UNITED STATES DISTRICT COURT EASTERN DISTRICT OF MISSOURI EASTERN DIVISION
SEAN NICHOLAS RAMSEY, ) ) Plaintiff, ) ) v. ) No. 4:22-CV-00164-NCC ) TERRY ARNOLD, ) ) Defendant. )
MEMORANDUM AND ORDER
This matter is before the Court on defendant Terry Arnold’s motion to dismiss (ECF No. 18). Plaintiff has not responded to the motion, and the time for doing so has passed. For the following reasons, defendant’s motion will be denied. Legal Standard Pursuant to Fed. R. Civ. P. 12(b)(6), a defendant may assert as a defense the plaintiff’s “failure to state a claim upon which relief can be granted.” To survive a motion to dismiss for failure to state a claim, a plaintiff’s allegations must contain “sufficient factual matter, accepted as true, to ‘state a claim to relief that is plausible on its face.’” Ashcroft v. Iqbal, 556 U.S. 662, 678 (2009) (quoting Bell Atl. Corp. v. Twombly, 550 U.S. 544, 570 (2007)). The plausibility requirement is satisfied when the plaintiff “pleads factual content that allows the court to draw the reasonable inference that the defendant is liable for the misconduct alleged.” In re SuperValu, Inc., 925 F.3d 955, 962 (8th Cir. 2019). The reviewing court accepts the plaintiff’s factual allegations as true and draws all reasonable inferences in favor of the nonmoving party. Torti v. Hoag, 868 F.3d 666, 671 (8th Cir. 2017). However, “[c]ourts are not bound to accept as true a legal conclusion couched as a factual allegation, and factual allegations must be enough to raise a right to relief above the speculative level.” Id. The issue is not whether the plaintiff will ultimately prevail, but whether the plaintiff has presented “enough facts to state a claim to relief that is plausible on its face.” See Twombly, 550 U.S. at 570.

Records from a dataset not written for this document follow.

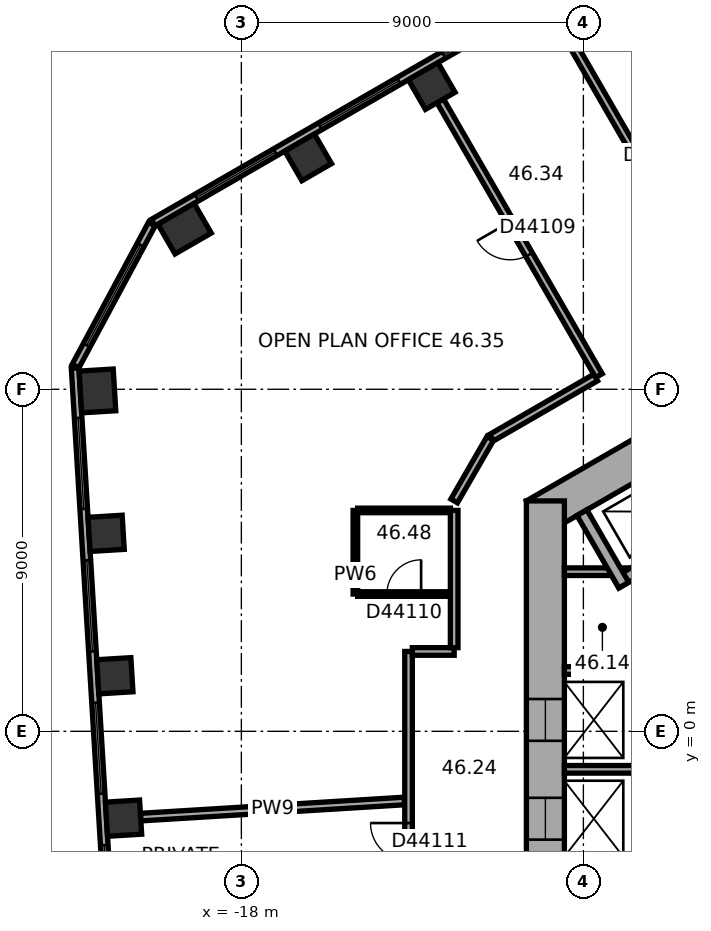
"""IFC4 building model, lengths in metres.
Left out: names, types, materials, properties, quantities, classifications, styles, units other than length and angle.
Written with IfcOpenShell. Run it as: python <this file> out.ifc"""

import sys

from ifc_helpers import new_model, si_unit, direction, frame, frame_2d, origin, origin_2d, place, context, subcontext, project, spatial, rectangle, extrude, element, fill, save


model = new_model("IFC4")
c1 = context("Model", 3, precision=1e-05, world=origin(), true_north=direction((0.0, 1.0)))
c2 = subcontext(c1, "Body", "Model", "MODEL_VIEW")
j1 = project(units=[si_unit("LENGTHUNIT", "METRE"), si_unit("PLANEANGLEUNIT", "RADIAN")], contexts=[c1])
p1 = place(None, origin())
s1 = spatial("IfcSite", under=j1, at=p1, CompositionType="ELEMENT")
p2 = place(p1, origin())
s2 = spatial("IfcBuilding", under=s1, at=p2, CompositionType="ELEMENT")
p3 = place(p2, frame((0.0, 0.0, 187.3)))
s3 = spatial("IfcBuildingStorey", under=s2, at=p3, CompositionType="ELEMENT", Elevation=187.3)
for number, where, z_axis, x_axis in (
    (1, (-12.991, 16.979, 0.0), (0.0, 0.0, 1.0), (-0.866, -0.5, 0.0)),
    (2, (-16.242, 15.102, 0.0), (0.0, 0.0, 1.0), (-0.866, -0.5, 0.0)),
):
    element("IfcColumn", number, at=place(p3, frame(where, z_axis=z_axis, x_axis=x_axis)), inside=s3, PredefinedType="COLUMN", context=c2, shape_type="SweptSolid", body=[
        extrude(rectangle(XDim=0.9, YDim=0.9, at=origin_2d()), origin(), (0.0, 0.0, 1.0), 3.7),
    ])
for number, where, z_axis, x_axis in (
    (3, (-19.494, 13.225, 0.0), (0.0, 0.0, 1.0), (-0.866, -0.5, 0.0)),
    (4, (-21.787, 8.956, 0.0), (0.0, 0.0, 1.0), (0.061, -0.998, 0.0)),
):
    element("IfcColumn", number, at=place(p3, frame(where, z_axis=z_axis, x_axis=x_axis)), inside=s3, PredefinedType="COLUMN", context=c2, shape_type="SweptSolid", body=[
        extrude(rectangle(XDim=1.1, YDim=0.9, at=origin_2d()), origin(), (0.0, 0.0, 1.0), 3.7),
    ])
for number, where, z_axis, x_axis in (
    (5, (-21.558, 5.209, 0.0), (0.0, 0.0, 1.0), (0.061, -0.998, 0.0)),
    (6, (-21.329, 1.462, 0.0), (0.0, 0.0, 1.0), (0.061, -0.998, 0.0)),
    (7, (-21.1, -2.285, 0.0), (0.0, 0.0, 1.0), (0.061, -0.998, 0.0)),
):
    element("IfcColumn", number, at=place(p3, frame(where, z_axis=z_axis, x_axis=x_axis)), inside=s3, PredefinedType="COLUMN", context=c2, shape_type="SweptSolid", body=[
        extrude(rectangle(XDim=0.9, YDim=0.9, at=origin_2d()), origin(), (0.0, 0.0, 1.0), 3.7),
    ])
p4 = place(p3, frame((0.25, 11.691, 0.0), z_axis=(0.0, 0.0, 1.0), x_axis=(-0.866022616891, -0.50000482701, 0.0)))
e8 = element("IfcWall", 8, at=p4, inside=s3, PredefinedType="SHEAR", context=c2, shape_type="SweptSolid", body=[
    extrude(rectangle(XDim=12.125, YDim=1.0, at=frame_2d((6.062, 0.0))), origin(), (0.0, 0.0, 1.0), 3.7),
])
p5 = place(p4, frame((6.262, 0.0, 0.0)))
e9 = element("IfcOpeningElement", 9, at=p5, cuts=e8, PredefinedType="OPENING", context=c2, shape_type="SweptSolid", body=[
    extrude(rectangle(XDim=1.5, YDim=2.1, at=frame_2d((0.75, 1.05))), frame((0.0, 0.51, 0.0), z_axis=(0.0, -1.0, 0.0), x_axis=(1.0, 0.0, 0.0)), (0.0, 0.0, 1.0), 1.02),
])
p6 = place(p4, frame((1.812, 0.0, 0.0)))
e10 = element("IfcOpeningElement", 10, at=p6, cuts=e8, PredefinedType="OPENING", context=c2, shape_type="SweptSolid", body=[
    extrude(rectangle(XDim=0.9, YDim=2.1, at=frame_2d((0.45, 1.05))), frame((0.0, 0.51, 0.0), z_axis=(0.0, -1.0, 0.0), x_axis=(1.0, 0.0, 0.0)), (0.0, 0.0, 1.0), 1.02),
])
p7 = place(p4, frame((4.412, 0.0, 0.0)))
e11 = element("IfcOpeningElement", 11, at=p7, cuts=e8, PredefinedType="OPENING", context=c2, shape_type="SweptSolid", body=[
    extrude(rectangle(XDim=0.9, YDim=2.1, at=frame_2d((0.45, 1.05))), frame((0.0, 0.51, 0.0), z_axis=(0.0, -1.0, 0.0), x_axis=(1.0, 0.0, 0.0)), (0.0, 0.0, 1.0), 1.02),
])
p8 = place(p3, frame((-10.0, 6.062, 0.0), z_axis=(0.0, 0.0, 1.0), x_axis=(0.0, -1.0, 0.0)))
e12 = element("IfcWall", 12, at=p8, inside=s3, PredefinedType="SHEAR", context=c2, shape_type="SweptSolid", body=[
    extrude(rectangle(XDim=12.125, YDim=1.0, at=frame_2d((6.062, 0.0))), origin(), (0.0, 0.0, 1.0), 3.7),
])
p9 = place(p8, frame((5.212, 0.0, 0.0)))
e13 = element("IfcOpeningElement", 13, at=p9, cuts=e12, PredefinedType="OPENING", context=c2, shape_type="SweptSolid", body=[
    extrude(rectangle(XDim=1.1, YDim=2.1, at=frame_2d((0.55, 1.05))), frame((0.0, 0.51, 0.0), z_axis=(0.0, -1.0, 0.0), x_axis=(1.0, 0.0, 0.0)), (0.0, 0.0, 1.0), 1.02),
])
p10 = place(p8, frame((7.812, 0.0, 0.0)))
e14 = element("IfcOpeningElement", 14, at=p10, cuts=e12, PredefinedType="OPENING", context=c2, shape_type="SweptSolid", body=[
    extrude(rectangle(XDim=1.1, YDim=2.1, at=frame_2d((0.55, 1.05))), frame((0.0, 0.51, 0.0), z_axis=(0.0, -1.0, 0.0), x_axis=(1.0, 0.0, 0.0)), (0.0, 0.0, 1.0), 1.02),
])
p11 = place(p3, frame((-2.961, 23.405, 0.0), z_axis=(0.0, 0.0, 1.0), x_axis=(-0.866023315909, -0.500003616288, 0.0)))
e15 = element("IfcWall", 15, at=p11, inside=s3, PredefinedType="STANDARD", context=c2, shape_type="SweptSolid", body=[
    extrude(rectangle(XDim=20.044, YDim=0.2, at=frame_2d((10.022, 0.0))), origin(), (0.0, 0.0, 1.0), 3.7),
])
p12 = place(p11, frame((1.314, 0.0, 0.9)))
e16 = element("IfcOpeningElement", 16, at=p12, cuts=e15, PredefinedType="OPENING", context=c2, shape_type="SweptSolid", body=[
    extrude(rectangle(XDim=2.4, YDim=2.0, at=frame_2d((1.2, 1.0))), frame((0.0, 0.11, 0.0), z_axis=(0.0, -1.0, 0.0), x_axis=(1.0, 0.0, 0.0)), (0.0, 0.0, 1.0), 0.22),
])
p13 = place(p11, frame((5.069, 0.0, 0.9)))
e17 = element("IfcOpeningElement", 17, at=p13, cuts=e15, PredefinedType="OPENING", context=c2, shape_type="SweptSolid", body=[
    extrude(rectangle(XDim=2.4, YDim=2.0, at=frame_2d((1.2, 1.0))), frame((0.0, 0.11, 0.0), z_axis=(0.0, -1.0, 0.0), x_axis=(1.0, 0.0, 0.0)), (0.0, 0.0, 1.0), 0.22),
])
p14 = place(p11, frame((8.823, 0.0, 0.9)))
e18 = element("IfcOpeningElement", 18, at=p14, cuts=e15, PredefinedType="OPENING", context=c2, shape_type="SweptSolid", body=[
    extrude(rectangle(XDim=2.4, YDim=2.0, at=frame_2d((1.2, 1.0))), frame((0.0, 0.11, 0.0), z_axis=(0.0, -1.0, 0.0), x_axis=(1.0, 0.0, 0.0)), (0.0, 0.0, 1.0), 0.22),
])
p15 = place(p11, frame((12.577, 0.0, 0.9)))
e19 = element("IfcOpeningElement", 19, at=p15, cuts=e15, PredefinedType="OPENING", context=c2, shape_type="SweptSolid", body=[
    extrude(rectangle(XDim=2.4, YDim=2.0, at=frame_2d((1.2, 1.0))), frame((0.0, 0.11, 0.0), z_axis=(0.0, -1.0, 0.0), x_axis=(1.0, 0.0, 0.0)), (0.0, 0.0, 1.0), 0.22),
])
p16 = place(p11, frame((16.331, 0.0, 0.9)))
e20 = element("IfcOpeningElement", 20, at=p16, cuts=e15, PredefinedType="OPENING", context=c2, shape_type="SweptSolid", body=[
    extrude(rectangle(XDim=2.4, YDim=2.0, at=frame_2d((1.2, 1.0))), frame((0.0, 0.11, 0.0), z_axis=(0.0, -1.0, 0.0), x_axis=(1.0, 0.0, 0.0)), (0.0, 0.0, 1.0), 0.22),
])
p17 = place(p3, frame((-20.357, 13.344, 0.0), z_axis=(0.0, 0.0, 1.0), x_axis=(-0.473288913494, -0.880907262068, 0.0)))
e21 = element("IfcWall", 21, at=p17, inside=s3, PredefinedType="STANDARD", context=c2, shape_type="SweptSolid", body=[
    extrude(rectangle(XDim=4.238, YDim=0.2, at=frame_2d((2.119, 0.0))), origin(), (0.0, 0.0, 1.0), 3.7),
])
p18 = place(p17, frame((0.619, 0.0, 0.9)))
e22 = element("IfcOpeningElement", 22, at=p18, cuts=e21, PredefinedType="OPENING", context=c2, shape_type="SweptSolid", body=[
    extrude(rectangle(XDim=3.0, YDim=2.0, at=frame_2d((1.5, 1.0))), frame((0.0, 0.11, 0.0), z_axis=(0.0, -1.0, 0.0), x_axis=(1.0, 0.0, 0.0)), (0.0, 0.0, 1.0), 0.22),
])
p19 = place(p3, frame((-22.375, 9.557, 0.0), z_axis=(0.0, 0.0, 1.0), x_axis=(0.061036015339, -0.998135564356, 0.0)))
e23 = element("IfcWall", 23, at=p19, inside=s3, PredefinedType="STANDARD", context=c2, shape_type="SweptSolid", body=[
    extrude(rectangle(XDim=20.044, YDim=0.2, at=frame_2d((10.022, 0.0))), origin(), (0.0, 0.0, 1.0), 3.7),
])
p20 = place(p19, frame((1.313, 0.0, 0.9)))
e24 = element("IfcOpeningElement", 24, at=p20, cuts=e23, PredefinedType="OPENING", context=c2, shape_type="SweptSolid", body=[
    extrude(rectangle(XDim=2.4, YDim=2.0, at=frame_2d((1.2, 1.0))), frame((0.0, 0.11, 0.0), z_axis=(0.0, -1.0, 0.0), x_axis=(1.0, 0.0, 0.0)), (0.0, 0.0, 1.0), 0.22),
])
p21 = place(p19, frame((5.067, 0.0, 0.9)))
e25 = element("IfcOpeningElement", 25, at=p21, cuts=e23, PredefinedType="OPENING", context=c2, shape_type="SweptSolid", body=[
    extrude(rectangle(XDim=2.4, YDim=2.0, at=frame_2d((1.2, 1.0))), frame((0.0, 0.11, 0.0), z_axis=(0.0, -1.0, 0.0), x_axis=(1.0, 0.0, 0.0)), (0.0, 0.0, 1.0), 0.22),
])
p22 = place(p19, frame((8.821, 0.0, 0.9)))
e26 = element("IfcOpeningElement", 26, at=p22, cuts=e23, PredefinedType="OPENING", context=c2, shape_type="SweptSolid", body=[
    extrude(rectangle(XDim=2.4, YDim=2.0, at=frame_2d((1.2, 1.0))), frame((0.0, 0.11, 0.0), z_axis=(0.0, -1.0, 0.0), x_axis=(1.0, 0.0, 0.0)), (0.0, 0.0, 1.0), 0.22),
])
p23 = place(p19, frame((12.575, 0.0, 0.9)))
e27 = element("IfcOpeningElement", 27, at=p23, cuts=e23, PredefinedType="OPENING", context=c2, shape_type="SweptSolid", body=[
    extrude(rectangle(XDim=2.4, YDim=2.0, at=frame_2d((1.2, 1.0))), frame((0.0, 0.11, 0.0), z_axis=(0.0, -1.0, 0.0), x_axis=(1.0, 0.0, 0.0)), (0.0, 0.0, 1.0), 0.22),
])
p24 = place(p19, frame((16.329, 0.0, 0.9)))
e28 = element("IfcOpeningElement", 28, at=p24, cuts=e23, PredefinedType="OPENING", context=c2, shape_type="SweptSolid", body=[
    extrude(rectangle(XDim=2.4, YDim=2.0, at=frame_2d((1.2, 1.0))), frame((0.0, 0.11, 0.0), z_axis=(0.0, -1.0, 0.0), x_axis=(1.0, 0.0, 0.0)), (0.0, 0.0, 1.0), 0.22),
])
for number, where, z_axis, x_axis in (
    (29, (-7.3, 4.2, 0.0), (0.0, 0.0, 1.0), (-1.0, 0.0, 0.0)),
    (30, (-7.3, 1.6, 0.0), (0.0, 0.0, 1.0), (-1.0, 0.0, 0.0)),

When evaluating whether a self-represented plaintiff has asserted sufficient facts to state a claim, a pro se complaint is held to less stringent standards than formal pleadings drafted by lawyers. Jackson v. Nixon, 747 F.3d 537, 541 (8th Cir. 2014). “[I]f the essence of an allegation is discernible ... then the district court should construe the complaint in a way that permits the layperson’s claim to be considered within the proper legal framework.” Solomon v. Petray, 795 F.3d 777, 787 (8th Cir. 2015) (quoting Stone v. Harry, 364 F.3d 912, 914 (8th Cir. 2004)). Background Plaintiff is a self-represented litigant currently incarcerated at Potosi Correctional Center (“PCC”). On November 22, 2022, the Court conducted an initial review of plaintiff’s complaint pursuant to 28 U.S.C. § 1915. The Court found that plaintiff had stated a plausible claim against
defendant Terry Arnold for violation of plaintiff’s constitutional rights. Specifically, the Court found that plaintiff had stated a plausible claim for deliberate indifference against Arnold when plaintiff was held in administrative segregation for forty-eight days without access to his hygiene items, including his toothbrush, toothpaste, deodorant, and soap. Plaintiff states that he suffered bleeding gums, tooth pain, and chipping teeth because his hygiene items had been confiscated. Additionally, because of his lack of a pillow, he states he suffered severe pain in the neck, shoulders, back, and severe lack of sleep causing depression. Plaintiff states that he filed an IRR regarding his lack of a pillow, toothbrush, toothpaste, deodorant, and soap. Eventually, after forty- eight days asking that these items be returned, plaintiff states he bought new hygiene items at the commissary. Discussion Defendant has filed a motion to dismiss, stating that plaintiff did not file an appeal of his
IRR and therefore he has not exhausted his administrative remedies under the PLRA. Because failure to exhaust administrative remedies is a mandatory requirement prior to filing suit, defendant seeks dismissal of this action. Plaintiff’s § 1983 action concerns prison conditions and therefore is subject to the PLRA’s requirement the plaintiff exhaust “such administrative remedies as are available.” Martin v. Iowa, 752 F.3d 725, 727 (8th Cir. 2014). Failure to exhaust is an affirmative defense under the PLRA. “[I]nmates are not required to specially plead or demonstrate exhaustion in their complaints.” Jones v. Bock, 549 U.S. 199, 216 (2007). Defendant has the burden of showing that a plaintiff prisoner failed to exhaust all available administrative remedies under the PLRA. Jones, 549 U.S. at 211-12.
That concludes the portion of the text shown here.